Bangladeshi Nobel Laureate Muhammad Yunus Faces Over 100 Lawsuits by Disgruntled Grameen Bank Employees
Bangladeshi Nobel Laureate Muhammad Yunus Faces Over 100 Lawsuits by Disgruntled Grameen Bank Employees
The cases filed against him and other senior managers in a Dhaka court relate to claims from Grameen Telecom (GT) employees for a share of profits, their lawyer Jafrul Hasan Sharif said.

Dhaka: Bangladeshi Nobel laureate Muhammad Yunus is facing more than 100 lawsuits from disgruntled employees at the telecoms unit of his poverty-busting microfinance Grameen Bank, lawyers said Thursday.

The cases filed against him and other senior managers in a Dhaka court relate to claims from Grameen Telecom (GT) employees for a share of profits, their lawyer Jafrul Hasan Sharif said.

Yunus has faced mounting legal problems in recent years. In 2011 he was sacked as head of Grameen Bank in a move his supporters said was orchestrated by Prime Minister Sheikh Hasina.

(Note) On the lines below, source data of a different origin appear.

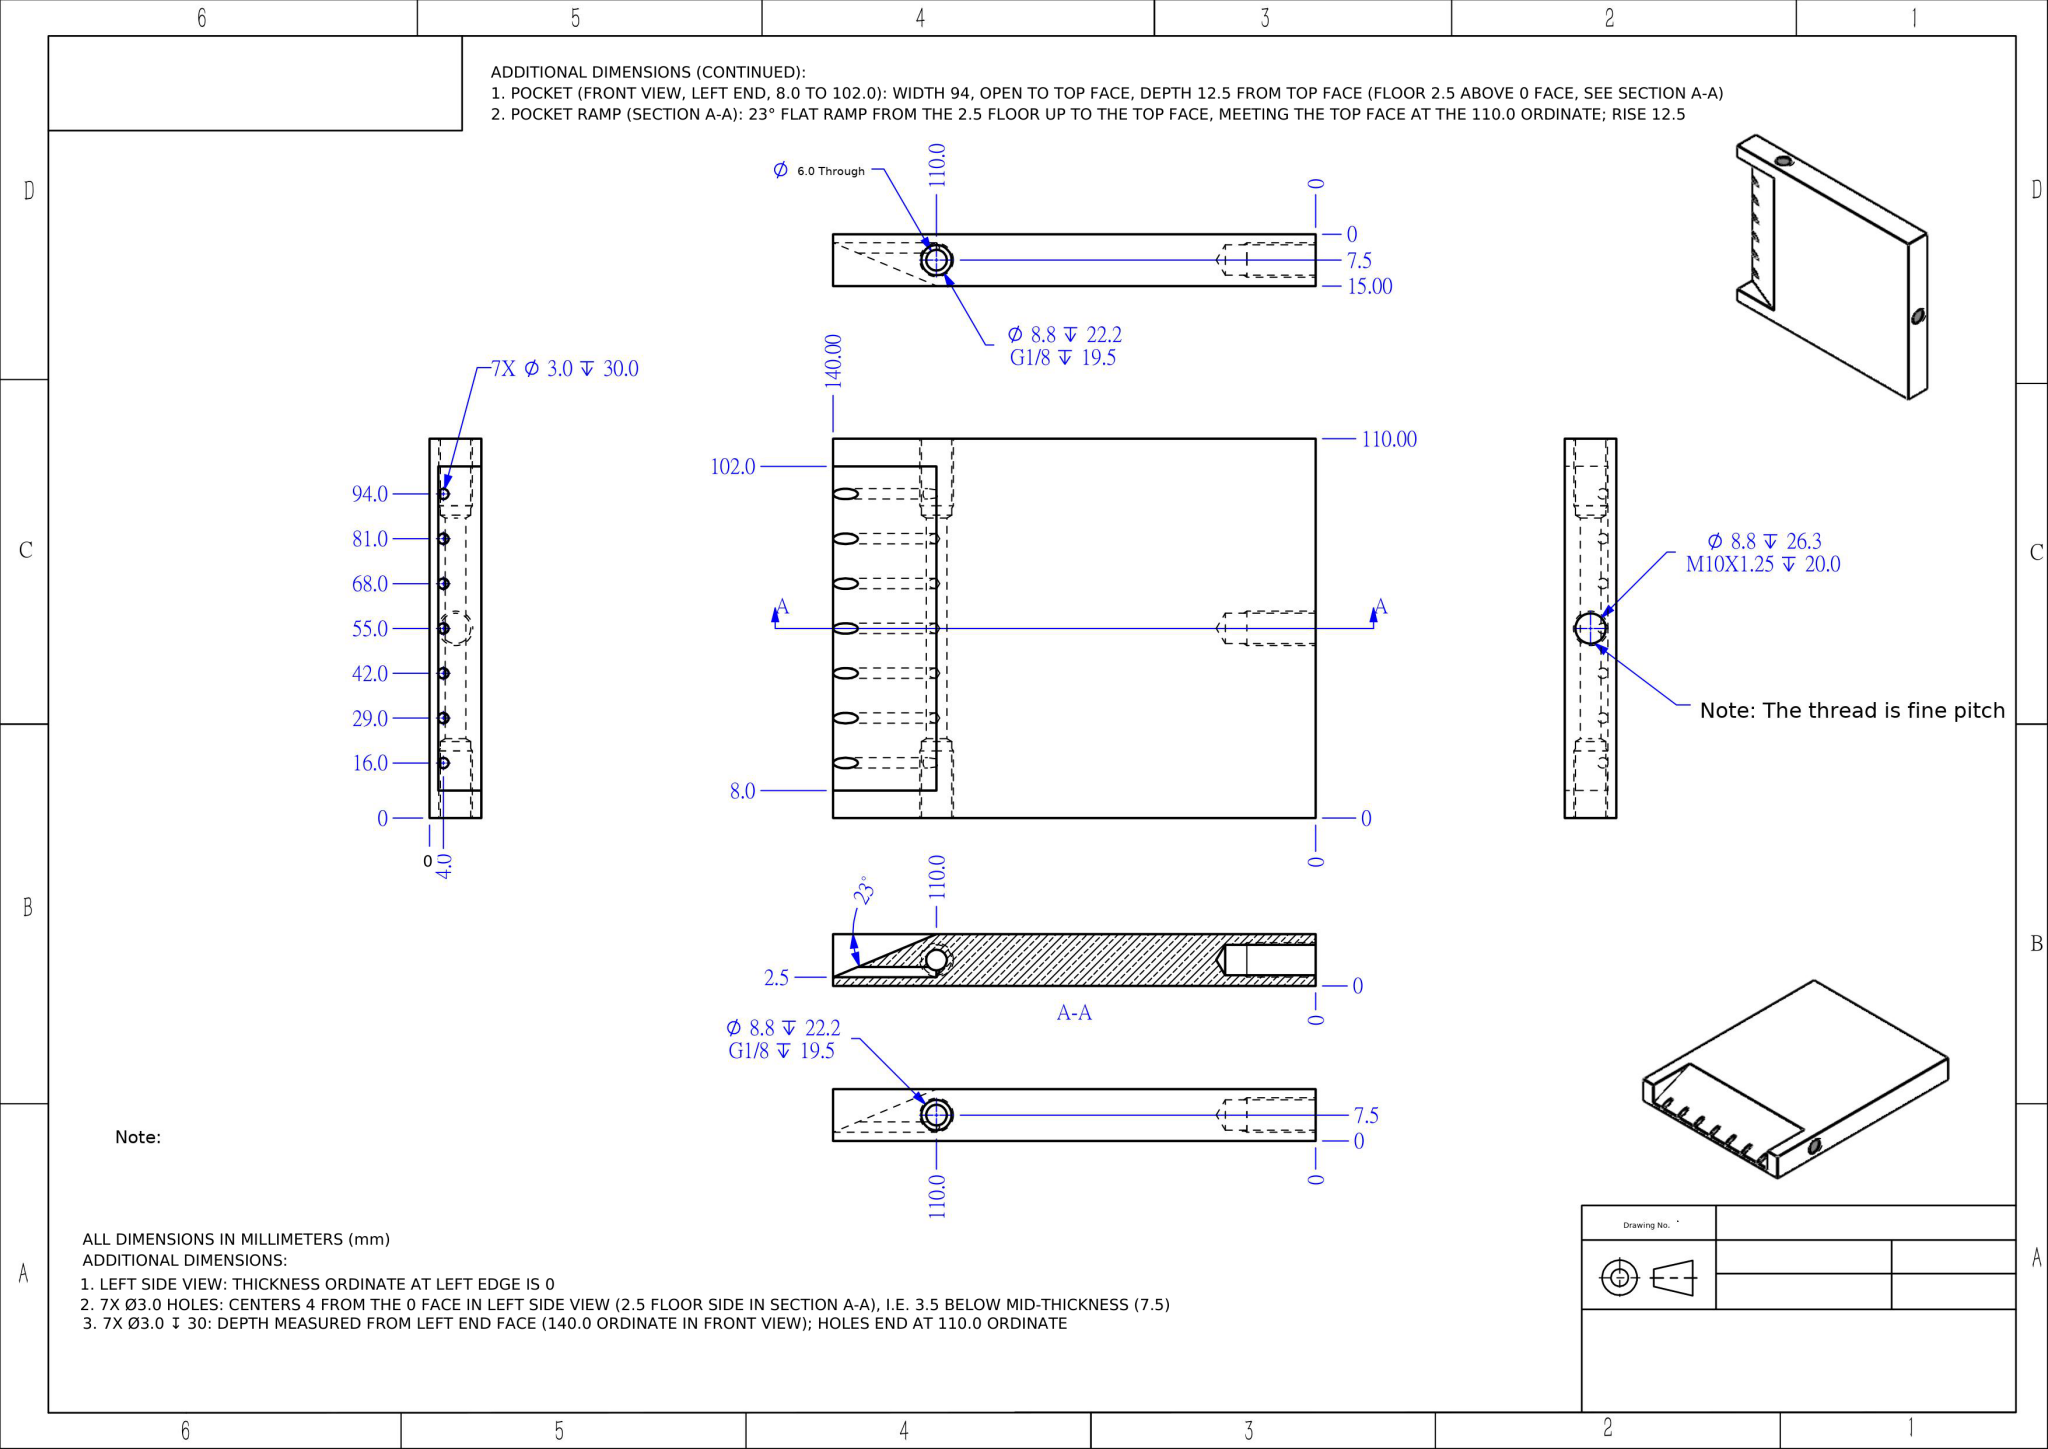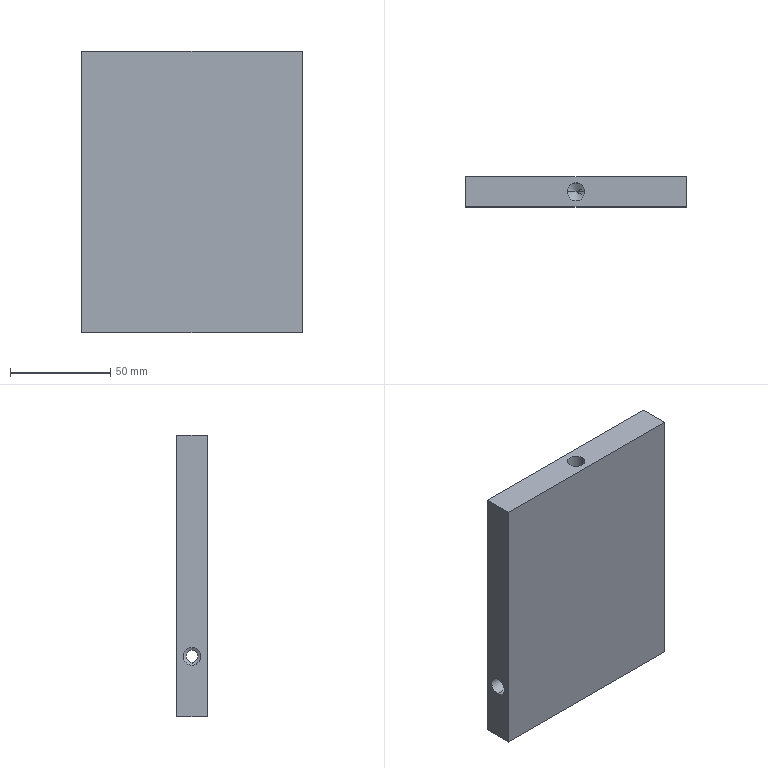Part | NX | mm | 1 solid | 49 faces | box 110 x 15 x 140 mm | volume 205878 mm3 | cylinder 22 | cone 18 | plane 9 | commonest cylinder face diameters 3 x14 8.8 x6 6 x2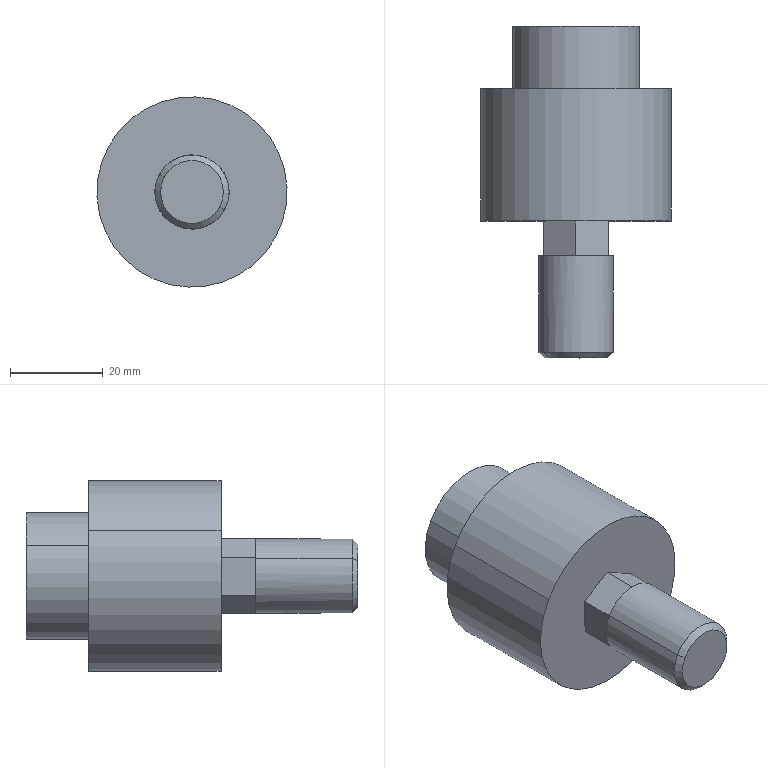Component | SolidWorks | FloatingJointSMCJA50-16-150-1 | 1 solid | 35 faces | box 41 x 71.5 x 41 mm | volume 48926 mm3 | plane 23 | cylinder 8 | cone 4 | commonest cylinder face diameters 41 x2 27.333 x2 16 x2 13.84 x2
STEP:
#1=CARTESIAN_POINT('',(0.08017,-1.417,7.279));
#2=VERTEX_POINT('',#1);
#3=CARTESIAN_POINT('',(1.495,-1.417,6.501));
#4=VERTEX_POINT('',#3);
#5=CARTESIAN_POINT('',(0.7874,-1.417,6.89));
#6=DIRECTION('',(-0.,1.,-0.));
#7=DIRECTION('',(-0.8763,0.,0.4818));
#8=AXIS2_PLACEMENT_3D('',#5,#6,#7);
#9=CIRCLE('',#8,0.8071);
#10=EDGE_CURVE('',#2,#4,#9,.T.);
#11=ORIENTED_EDGE('',*,*,#10,.T.);
#12=CARTESIAN_POINT('',(1.495,-0.2953,6.501));
#13=VERTEX_POINT('',#12);
#14=CARTESIAN_POINT('',(1.495,-0.8563,6.501));
#15=DIRECTION('',(-0.,1.,-0.));
#16=VECTOR('',#15,39.37);
#17=LINE('',#14,#16);
#18=EDGE_CURVE('',#4,#13,#17,.T.);
#19=ORIENTED_EDGE('',*,*,#18,.T.);
#20=CARTESIAN_POINT('',(0.08017,-0.2953,7.279));
#21=VERTEX_POINT('',#20);
#22=CARTESIAN_POINT('',(0.7874,-0.2953,6.89));
#23=DIRECTION('',(0.,-1.,0.));
#24=DIRECTION('',(-0.8763,0.,0.4818));
#25=AXIS2_PLACEMENT_3D('',#22,#23,#24);
#26=CIRCLE('',#25,0.8071);
#27=EDGE_CURVE('',#13,#21,#26,.T.);
#28=ORIENTED_EDGE('',*,*,#27,.T.);
#29=CARTESIAN_POINT('',(0.08017,-0.8563,7.279));
#30=DIRECTION('',(-0.,1.,-0.));
#31=VECTOR('',#30,39.37);
#32=LINE('',#29,#31);
#33=EDGE_CURVE('',#2,#21,#32,.T.);
#34=ORIENTED_EDGE('',*,*,#33,.F.);
#35=EDGE_LOOP('',(#11,#19,#28,#34));
#36=FACE_OUTER_BOUND('',#35,.T.);
#37=CARTESIAN_POINT('',(0.7874,-0.8563,6.89));
#38=DIRECTION('',(-0.,1.,-0.));
#39=DIRECTION('',(-0.8763,0.,0.4818));
#40=AXIS2_PLACEMENT_3D('',#37,#38,#39);
#41=CYLINDRICAL_SURFACE('',#40,0.8071);
#42=ADVANCED_FACE('',(#36),#41,.T.);
#43=CARTESIAN_POINT('',(1.259,-0.2953,6.631));
#44=VERTEX_POINT('',#43);
#45=CARTESIAN_POINT('',(0.3159,-0.2953,7.149));
#46=VERTEX_POINT('',#45);
#47=CARTESIAN_POINT('',(0.7874,-0.2953,6.89));
#48=DIRECTION('',(0.,-1.,0.));
#49=DIRECTION('',(-0.8763,0.,0.4818));
#50=AXIS2_PLACEMENT_3D('',#47,#48,#49);
#51=CIRCLE('',#50,0.5381);
#52=EDGE_CURVE('',#44,#46,#51,.T.);
#53=ORIENTED_EDGE('',*,*,#52,.F.);
#54=CARTESIAN_POINT('',(1.259,0.2362,6.631));
#55=VERTEX_POINT('',#54);
#56=CARTESIAN_POINT('',(1.259,-0.02953,6.631));
#57=DIRECTION('',(-0.,1.,-0.));
#58=VECTOR('',#57,39.37);
#59=LINE('',#56,#58);
#60=EDGE_CURVE('',#44,#55,#59,.T.);
#61=ORIENTED_EDGE('',*,*,#60,.T.);
#62=CARTESIAN_POINT('',(0.3159,0.2362,7.149));
#63=VERTEX_POINT('',#62);
#64=CARTESIAN_POINT('',(0.7874,0.2362,6.89));
#65=DIRECTION('',(0.,-1.,0.));
#66=DIRECTION('',(-0.8763,0.,0.4818));
#67=AXIS2_PLACEMENT_3D('',#64,#65,#66);
#68=CIRCLE('',#67,0.5381);
#69=EDGE_CURVE('',#55,#63,#68,.T.);
#70=ORIENTED_EDGE('',*,*,#69,.T.);
#71=CARTESIAN_POINT('',(0.3159,-0.02953,7.149));
#72=DIRECTION('',(-0.,1.,-0.));
#73=VECTOR('',#72,39.37);
#74=LINE('',#71,#73);
#75=EDGE_CURVE('',#46,#63,#74,.T.);
#76=ORIENTED_EDGE('',*,*,#75,.F.);
#77=EDGE_LOOP('',(#53,#61,#70,#76));
#78=FACE_OUTER_BOUND('',#77,.T.);
#79=CARTESIAN_POINT('',(0.7874,-0.02953,6.89));
#80=DIRECTION('',(-0.,1.,-0.));
#81=DIRECTION('',(-0.8763,0.,0.4818));
#82=AXIS2_PLACEMENT_3D('',#79,#80,#81);
#83=CYLINDRICAL_SURFACE('',#82,0.5381);
#84=ADVANCED_FACE('',(#78),#83,.T.);
#85=CARTESIAN_POINT('',(0.5114,-2.531,7.042));
#86=VERTEX_POINT('',#85);
#87=CARTESIAN_POINT('',(1.063,-2.531,6.738));
#88=VERTEX_POINT('',#87);
#89=CARTESIAN_POINT('',(0.7874,-2.531,6.89));
#90=DIRECTION('',(-0.,1.,-0.));
#91=DIRECTION('',(-0.8763,0.,0.4818));
#92=AXIS2_PLACEMENT_3D('',#89,#90,#91);
#93=CIRCLE('',#92,0.315);
#94=EDGE_CURVE('',#86,#88,#93,.T.);
#95=ORIENTED_EDGE('',*,*,#94,.T.);
#96=CARTESIAN_POINT('',(1.063,-1.713,6.738));
#97=VERTEX_POINT('',#96);
#98=CARTESIAN_POINT('',(1.063,-2.122,6.738));
#99=DIRECTION('',(-0.,1.,-0.));
#100=VECTOR('',#99,39.37);
#101=LINE('',#98,#100);
#102=EDGE_CURVE('',#88,#97,#101,.T.);
#103=ORIENTED_EDGE('',*,*,#102,.T.);
#104=CARTESIAN_POINT('',(1.066,-1.713,6.743));
#105=VERTEX_POINT('',#104);
#106=CARTESIAN_POINT('',(0.7874,-1.713,6.89));
#107=DIRECTION('',(-0.,1.,-0.));
#108=DIRECTION('',(-0.8763,0.,0.4818));
#109=AXIS2_PLACEMENT_3D('',#106,#107,#108);
#110=CIRCLE('',#109,0.315);
#111=EDGE_CURVE('',#105,#97,#110,.T.);
#112=ORIENTED_EDGE('',*,*,#111,.F.);
#113=CARTESIAN_POINT('',(1.06,-1.713,7.048));
#114=VERTEX_POINT('',#113);
#115=CARTESIAN_POINT('',(0.7874,-1.713,6.89));
#116=DIRECTION('',(-0.,1.,-0.));
#117=DIRECTION('',(-0.8763,0.,0.4818));
#118=AXIS2_PLACEMENT_3D('',#115,#116,#117);
#119=CIRCLE('',#118,0.315);
#120=EDGE_CURVE('',#114,#105,#119,.T.);
#121=ORIENTED_EDGE('',*,*,#120,.F.);
#122=CARTESIAN_POINT('',(1.054,-1.713,7.058));
#123=VERTEX_POINT('',#122);
#124=CARTESIAN_POINT('',(0.7874,-1.713,6.89));
#125=DIRECTION('',(-0.,1.,-0.));
#126=DIRECTION('',(-0.8763,0.,0.4818));
#127=AXIS2_PLACEMENT_3D('',#124,#125,#126);
#128=CIRCLE('',#127,0.315);
#129=EDGE_CURVE('',#123,#114,#128,.T.);
#130=ORIENTED_EDGE('',*,*,#129,.F.);
#131=CARTESIAN_POINT('',(0.7866,-1.713,7.205));
#132=VERTEX_POINT('',#131);
#133=CARTESIAN_POINT('',(0.7874,-1.713,6.89));
#134=DIRECTION('',(-0.,1.,-0.));
#135=DIRECTION('',(-0.8763,0.,0.4818));
#136=AXIS2_PLACEMENT_3D('',#133,#134,#135);
#137=CIRCLE('',#136,0.315);
#138=EDGE_CURVE('',#132,#123,#137,.T.);
#139=ORIENTED_EDGE('',*,*,#138,.F.);
#140=CARTESIAN_POINT('',(0.7751,-1.713,7.204));
#141=VERTEX_POINT('',#140);
#142=CARTESIAN_POINT('',(0.7874,-1.713,6.89));
#143=DIRECTION('',(-0.,1.,-0.));
#144=DIRECTION('',(-0.8763,0.,0.4818));
#145=AXIS2_PLACEMENT_3D('',#142,#143,#144);
#146=CIRCLE('',#145,0.315);
#147=EDGE_CURVE('',#141,#132,#146,.T.);
#148=ORIENTED_EDGE('',*,*,#147,.F.);
#149=CARTESIAN_POINT('',(0.5142,-1.713,7.047));
#150=VERTEX_POINT('',#149);
#151=CARTESIAN_POINT('',(0.7874,-1.713,6.89));
#152=DIRECTION('',(-0.,1.,-0.));
#153=DIRECTION('',(-0.8763,0.,0.4818));
#154=AXIS2_PLACEMENT_3D('',#151,#152,#153);
#155=CIRCLE('',#154,0.315);
#156=EDGE_CURVE('',#150,#141,#155,.T.);
#157=ORIENTED_EDGE('',*,*,#156,.F.);
#158=CARTESIAN_POINT('',(0.5114,-1.713,7.042));
#159=VERTEX_POINT('',#158);
#160=CARTESIAN_POINT('',(0.7874,-1.713,6.89));
#161=DIRECTION('',(-0.,1.,-0.));
#162=DIRECTION('',(-0.8763,0.,0.4818));
#163=AXIS2_PLACEMENT_3D('',#160,#161,#162);
#164=CIRCLE('',#163,0.315);
#165=EDGE_CURVE('',#159,#150,#164,.T.);
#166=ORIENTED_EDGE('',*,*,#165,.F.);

"According to Bangladesh's Worker's Profit Participation law, Yunus's Grameen Telecom was bound to share five percent of the company's profit with the workers," lawyer Hasan told AFP.

"But for the last 10 years, the GT didn't do so." Grameen Telecom operates a service called "Village Phone" dedicated to getting cellphones to the rural poor in the South Asian nation of 165 million people.

The company also owns a 34.2-per cent stake in GrameenPhone, Bangladesh's largest mobile phone operator with some 75 million subscribers.

Yunus, 79, who founded Grameen Bank in the 1980s and was awarded the Nobel Peace Prize in 2006, could not be reached on Thursday.

A spokesperson declined to comment.

Last month the economist was granted bail by a labour court after an arrest warrant was issued when he failed to appear at a hearing in a separate case.

He has been at odds with premier Hasina since a brief and unsuccessful foray into Bangladesh's fiery, high-risk political scene in 2007.

Hasina has accused him of "sucking blood" from the poor amid allegations his bank charges interest rates of around 20 percent.

In 2013, he was the subject of a state-backed hate campaign that painted him as un-Islamic and a spreader of homosexuality, which is illegal in Bangladesh.